PDE6β Das CRISPR-Aktivierungsplasmid (m) ist ein aus drei Plasmiden bestehendes synergistisches Aktivierungsmediator-System (SAM), das für eine hocheffiziente, ortsspezifische transkriptionelle Hochregulation des Pde6b-Lokus in menschlichen Zelllinien entwickelt wurde. Das System basiert auf einem katalytisch inaktiven Cas9 (dCas9), das zwei inaktivierende Mutationen (D10A und N863A) trägt, welche die Nukleaseaktivität eliminieren, während die DNA-Bindung erhalten bleibt. Dieses dCas9 ist mit VP64, einem potenten Transkriptionsaktivator, fusioniert und wird zusammen mit einem Blasticidin-Resistenzgen zur Selektion koexprimiert. Das zweite Plasmid kodiert das MS2-p65-HSF1-Fusionsprotein, einen sekundären Aktivatorkomplex, der zusammen mit dCas9-VP64 wirkt, sowie ein Hygromycin-Resistenzgen. Das dritte Plasmid kodiert für eine zielspezifische 20-nt-sgRNA, die an zwei MS2-RNA-Aptamere fusioniert ist, welche den MS2-p65-HSF1-Komplex an die Aktivierungsstelle rekrutieren, begleitet von einem Puromycin-Resistenzgen. Die drei Plasmide werden im Massenverhältnis 1:1:1 verabreicht, um eine ausgewogene Expression aller Systemkomponenten zu gewährleisten.
Nach der Assemblierung am Zielort bindet der SAM-Komplex etwa 200 bp stromaufwärts der Pde6b-Transkriptionsstartstelle, wo VP64, p65 und HSF1 gemeinsam die Transkriptionsmaschinerie rekrutieren und die Hochregulation der endogenen PDE6β-Expression vorantreiben. Im Gegensatz zu nukleaseaktivem Cas9 verursacht dCas9 keine Doppelstrangbrüche und verändert die genomische Sequenz nicht, wodurch der native Pde6b-Locus erhalten bleibt und die Untersuchung von PDE6β-abhängigen Transkriptionsreaktionen am endogenen Locus ermöglicht wird.
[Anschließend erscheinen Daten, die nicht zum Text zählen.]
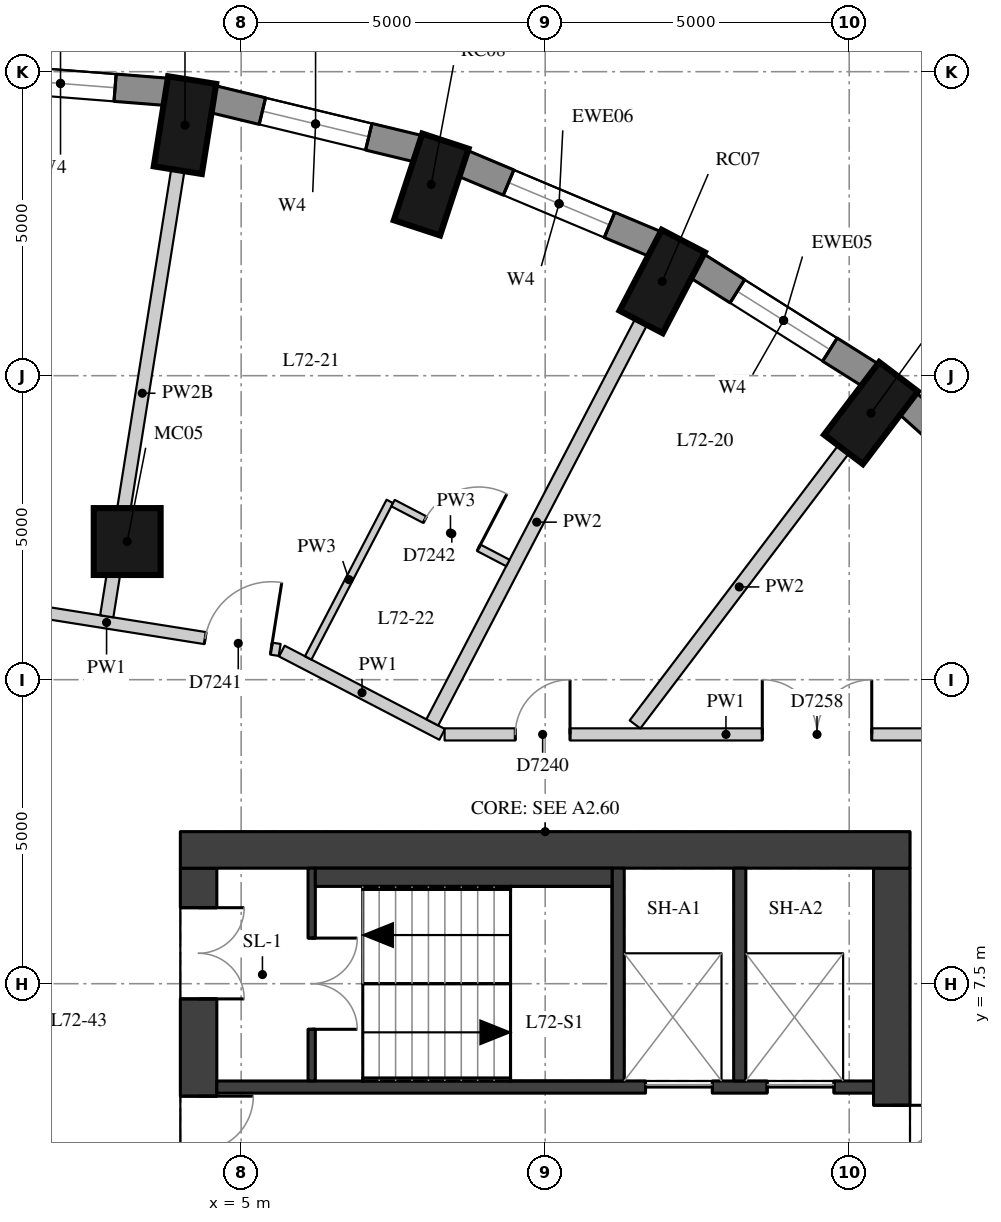
"""IFC4 building model, lengths in metres.
Left out: names, types, materials, properties, quantities, classifications, styles, units other than length and angle.
Written with IfcOpenShell. Run it as: python <this file> out.ifc"""

import sys

from ifc_helpers import new_model, si_unit, direction, frame, frame_2d, origin, origin_2d, place, context, subcontext, project, spatial, rectangle, extrude, element, fill, save


model = new_model("IFC4")
c1 = context("Model", 3, precision=1e-05, world=origin(), true_north=direction((0.0, 1.0)))
c2 = subcontext(c1, "Body", "Model", "MODEL_VIEW")
j1 = project(units=[si_unit("LENGTHUNIT", "METRE"), si_unit("PLANEANGLEUNIT", "RADIAN")], contexts=[c1])
p1 = place(None, origin())
s1 = spatial("IfcSite", under=j1, at=p1, CompositionType="ELEMENT")
p2 = place(p1, origin())
s2 = spatial("IfcBuilding", under=s1, at=p2, CompositionType="ELEMENT")
p3 = place(p2, frame((0.0, 0.0, 253.1)))
s3 = spatial("IfcBuildingStorey", under=s2, at=p3, CompositionType="ELEMENT", Elevation=253.1)
for number, where, z_axis, x_axis in (
    (1, (15.359, 16.885, 0.0), (0.0, 0.0, 1.0), (0.604, 0.797, 0.0)),
    (2, (11.925, 19.05, 0.0), (0.0, 0.0, 1.0), (0.462, 0.887, 0.0)),
    (3, (8.125, 20.644, 0.0), (0.0, 0.0, 1.0), (0.312, 0.95, 0.0)),
    (4, (4.076, 21.621, 0.0), (0.0, 0.0, 1.0), (0.157, 0.988, 0.0)),
):
    element("IfcColumn", number, at=place(p3, frame(where, z_axis=z_axis, x_axis=x_axis)), inside=s3, PredefinedType="COLUMN", context=c2, shape_type="SweptSolid", body=[
        extrude(rectangle(XDim=1.5, YDim=0.8, at=origin_2d()), origin(), (0.0, 0.0, 1.0), 3.3),
    ])
p4 = place(p3, frame((3.126, 14.772, 0.0), z_axis=(0.0, 0.0, 1.0), x_axis=(1.0, 0.0, 0.0)))
e5 = element("IfcColumn", 5, at=p4, inside=s3, PredefinedType="COLUMN", context=c2, shape_type="SweptSolid", body=[
    extrude(rectangle(XDim=1.1, YDim=1.1, at=origin_2d()), origin(), (0.0, 0.0, 1.0), 3.3),
])
p5 = place(p3, frame((18.424, 14.828, 0.0), z_axis=(0.0, 0.0, 1.0), x_axis=(-0.743166014219, 0.669107073128, 0.0)))
e6 = element("IfcWall", 6, at=p5, inside=s3, PredefinedType="SOLIDWALL", context=c2, shape_type="SweptSolid", body=[
    extrude(rectangle(XDim=3.316, YDim=0.45, at=frame_2d((1.658, 0.0))), origin(), (0.0, 0.0, 1.0), 3.02),
])
p6 = place(p3, frame((15.353, 17.506, 0.0), z_axis=(0.0, 0.0, 1.0), x_axis=(-0.845929139811, 0.53329531258, 0.0)))
e7 = element("IfcWall", 7, at=p6, inside=s3, PredefinedType="SOLIDWALL", context=c2, shape_type="SweptSolid", body=[
    extrude(rectangle(XDim=3.385, YDim=0.45, at=frame_2d((1.692, 0.0))), origin(), (0.0, 0.0, 1.0), 3.02),
])
p7 = place(p6, frame((0.792, 0.0, 0.4)))
e8 = element("IfcOpeningElement", 8, at=p7, cuts=e7, PredefinedType="OPENING", context=c2, shape_type="SweptSolid", body=[
    extrude(rectangle(XDim=1.8, YDim=1.75, at=frame_2d((0.9, 0.875))), frame((0.0, 0.235, 0.0), z_axis=(0.0, -1.0, 0.0), x_axis=(1.0, 0.0, 0.0)), (0.0, 0.0, 1.0), 0.47),
])
p8 = place(p3, frame((11.816, 19.662, 0.0), z_axis=(0.0, 0.0, 1.0), x_axis=(-0.922024627475, 0.387131226239, 0.0)))
e9 = element("IfcWall", 9, at=p8, inside=s3, PredefinedType="SOLIDWALL", context=c2, shape_type="SweptSolid", body=[
    extrude(rectangle(XDim=3.443, YDim=0.45, at=frame_2d((1.722, 0.0))), origin(), (0.0, 0.0, 1.0), 3.02),
])
p9 = place(p8, frame((0.822, 0.0, 0.4)))
e10 = element("IfcOpeningElement", 10, at=p9, cuts=e9, PredefinedType="OPENING", context=c2, shape_type="SweptSolid", body=[
    extrude(rectangle(XDim=1.8, YDim=1.75, at=frame_2d((0.9, 0.875))), frame((0.0, 0.235, 0.0), z_axis=(0.0, -1.0, 0.0), x_axis=(1.0, 0.0, 0.0)), (0.0, 0.0, 1.0), 0.47),
])
p10 = place(p3, frame((7.919, 21.232, 0.0), z_axis=(0.0, 0.0, 1.0), x_axis=(-0.972099278496, 0.23456980357, 0.0)))
e11 = element("IfcWall", 11, at=p10, inside=s3, PredefinedType="SOLIDWALL", context=c2, shape_type="SweptSolid", body=[
    extrude(rectangle(XDim=3.487, YDim=0.45, at=frame_2d((1.743, 0.0))), origin(), (0.0, 0.0, 1.0), 3.02),
])
p11 = place(p10, frame((0.843, 0.0, 0.4)))
e12 = element("IfcOpeningElement", 12, at=p11, cuts=e11, PredefinedType="OPENING", context=c2, shape_type="SweptSolid", body=[
    extrude(rectangle(XDim=1.8, YDim=1.75, at=frame_2d((0.9, 0.875))), frame((0.0, 0.235, 0.0), z_axis=(0.0, -1.0, 0.0), x_axis=(1.0, 0.0, 0.0)), (0.0, 0.0, 1.0), 0.47),
])
p12 = place(p3, frame((3.779, 22.169, 0.0), z_axis=(0.0, 0.0, 1.0), x_axis=(-0.996910775835, 0.078542377245, 0.0)))
e13 = element("IfcWall", 13, at=p12, inside=s3, PredefinedType="SOLIDWALL", context=c2, shape_type="SweptSolid", body=[
    extrude(rectangle(XDim=3.509, YDim=0.45, at=frame_2d((1.755, 0.0))), origin(), (0.0, 0.0, 1.0), 3.02),
])
p13 = place(p12, frame((0.855, 0.0, 0.4)))
e14 = element("IfcOpeningElement", 14, at=p13, cuts=e13, PredefinedType="OPENING", context=c2, shape_type="SweptSolid", body=[
    extrude(rectangle(XDim=1.8, YDim=1.75, at=frame_2d((0.9, 0.875))), frame((0.0, 0.235, 0.0), z_axis=(0.0, -1.0, 0.0), x_axis=(1.0, 0.0, 0.0)), (0.0, 0.0, 1.0), 0.47),
])
p14 = place(p3, frame((4.3, -9.4, 0.0), z_axis=(0.0, 0.0, 1.0), x_axis=(0.0, 1.0, 0.0)))
e15 = element("IfcWall", 15, at=p14, inside=s3, PredefinedType="SHEAR", context=c2, shape_type="SweptSolid", body=[
    extrude(rectangle(XDim=18.8, YDim=0.6, at=frame_2d((9.4, 0.0))), origin(), (0.0, 0.0, 1.0), 3.02),
])
p15 = place(p14, frame((0.65, 0.0, 0.0)))
e16 = element("IfcOpeningElement", 16, at=p15, cuts=e15, PredefinedType="OPENING", context=c2, shape_type="SweptSolid", body=[
    extrude(rectangle(XDim=1.5, YDim=2.1, at=frame_2d((0.75, 1.05))), frame((0.0, 0.31, 0.0), z_axis=(0.0, -1.0, 0.0), x_axis=(1.0, 0.0, 0.0)), (0.0, 0.0, 1.0), 0.62),
])
p16 = place(p14, frame((3.75, 0.0, 0.0)))
e17 = element("IfcOpeningElement", 17, at=p16, cuts=e15, PredefinedType="OPENING", context=c2, shape_type="SweptSolid", body=[
    extrude(rectangle(XDim=1.8, YDim=2.1, at=frame_2d((0.9, 1.05))), frame((0.0, 0.31, 0.0), z_axis=(0.0, -1.0, 0.0), x_axis=(1.0, 0.0, 0.0)), (0.0, 0.0, 1.0), 0.62),
])
p17 = place(p14, frame((6.25, 0.0, 0.0)))
e18 = element("IfcOpeningElement", 18, at=p17, cuts=e15, PredefinedType="OPENING", context=c2, shape_type="SweptSolid", body=[
    extrude(rectangle(XDim=1.1, YDim=2.1, at=frame_2d((0.55, 1.05))), frame((0.0, 0.31, 0.0), z_axis=(0.0, -1.0, 0.0), x_axis=(1.0, 0.0, 0.0)), (0.0, 0.0, 1.0), 0.62),
])
p18 = place(p14, frame((8.9, 0.0, 0.0)))
e19 = element("IfcOpeningElement", 19, at=p18, cuts=e15, PredefinedType="OPENING", context=c2, shape_type="SweptSolid", body=[
    extrude(rectangle(XDim=1.0, YDim=2.1, at=frame_2d((0.5, 1.05))), frame((0.0, 0.31, 0.0), z_axis=(0.0, -1.0, 0.0), x_axis=(1.0, 0.0, 0.0)), (0.0, 0.0, 1.0), 0.62),
])
p19 = place(p14, frame((11.45, 0.0, 0.0)))
e20 = element("IfcOpeningElement", 20, at=p19, cuts=e15, PredefinedType="OPENING", context=c2, shape_type="SweptSolid", body=[
    extrude(rectangle(XDim=1.1, YDim=2.1, at=frame_2d((0.55, 1.05))), frame((0.0, 0.31, 0.0), z_axis=(0.0, -1.0, 0.0), x_axis=(1.0, 0.0, 0.0)), (0.0, 0.0, 1.0), 0.62),
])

Dies macht es zu einem wertvollen Werkzeug für Funktionsstudien, die Identifizierung von Zielgenen und die Modellierung der Wiederherstellung des PDE6β-Signalwegs in Tumorzellen mit stillgelegtem oder reduziertem Pde6b-Ausdruck.
Nur für Forschungszwecke. Nicht für diagnostische oder therapeutische Zwecke bestimmt.